Author

Julia Escudero

Browsing

musique-et-cinema-quand-alex-kapranos-et-mulatu-astake-rendent-hommage-a-jim-jarmusch

Nous sommes le samedi 3 décembre 2016, il fait un froid glacial dans les rues de Paris. Un froid rare pour cette période de l’année. C’est à cette date néanmoins que dans une Philarmonie de Paris bien plus chaude se jouae un concert extra-ordinaire dans le cadre du week-end des musiques à l’image. Le principe de cette soirée? Rendre hommage aux bandes sons qui ont su sublimer l’œuvre du cinéaste américain indépendant Jim Jarmusch. Considéré comme le cinéaste le plus musical de la planète si l’on en croit le dossier de presse, ce grand monsieur a notamment réalisé «Down by the law» ou encore «Coffee and Cigarettes».

Pour orchestrer l’événement baptisé « Jim Jarmusch revisited » le britannique multi-instrumentiste David Coulter a accepté de jouer le maître de cérémonie.

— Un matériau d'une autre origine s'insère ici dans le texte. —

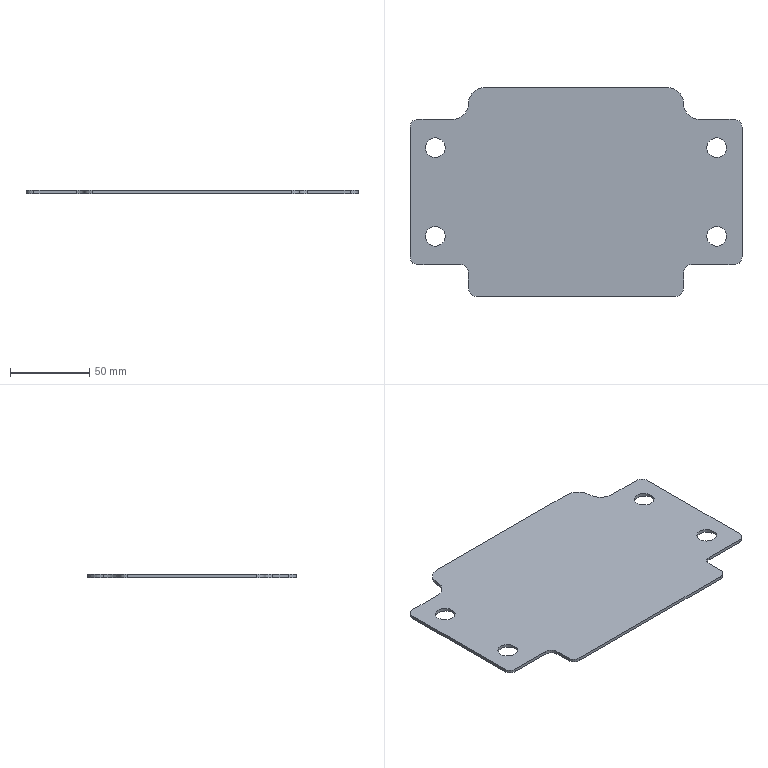CAM job | Mastercam | mm | 3 operations | part box 420 x 297 x 2
1. Contour (Ramp) | 2 - 2 平铣刀
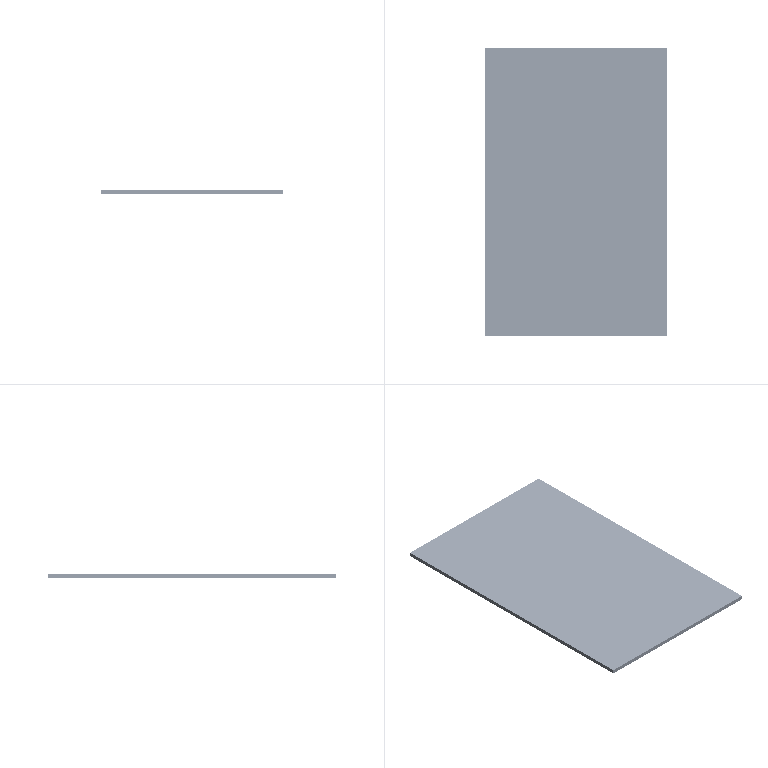2. Contour (2D chamfer) | 5 - 4 倒角刀
3. Contour (2D) | 2 - 2 平铣刀

A 20 heures 30 pétante c’est face à un public assis qu’un spectacle d’une heure trente débute. Derrière un rideau blanc, les formes de la belle Camille O’Sullivan se dessinent. Une voix de velours berce alors l’assemblée. Avec ses bottes à paillettes et une voix profondément rock capable de monter dans des sommets rares, la belle donne le ton: seuls les plus grands sont conviés.

Accompagnés de musiciens de haut-vol, les chanteurs et les morceaux vont s’enchaîner avec une précision digne d’un papier à musique. En fond de salle, guitare, piano, percussions, saxophone, violons, scie musicale et même banjo tenu comme un fusil vont mitrailler leurs coups d’éclats. Ces hommes de l’ombre, pas vraiment de l’ombre cette fois, ajoutent à cette envie claire de perfection donnée par David Coulter qui effectue des prouesses à la guitare mais pas que.

musique-et-cinema-quand-alex-kapranos-et-mulatu-astake-rendent-hommage-a-jim-jarmusch-alex-kapranos

Sur des titres profondément rock, nos petits génies transportent une salle bien installée dans l’Amérique profonde. On pense à ces pianos bars que l’on voit au cinéma, on pense au créatures de rêves dans des robes de cocktails comme à un road trip à chaque vibration des instruments. Une répartition équitable permet à chaque chanteur d’avoir sa place. Ainsi Jolie Holland, seconde figure féminine de la soirée offre à un public déjà conquis des prouesses vocales qui laissent bouche bée. Côté public d’ailleurs, on ose à peine bouger alors que les notes nous bercent et nous transportent. Adele n’a qu’à se rhabiller.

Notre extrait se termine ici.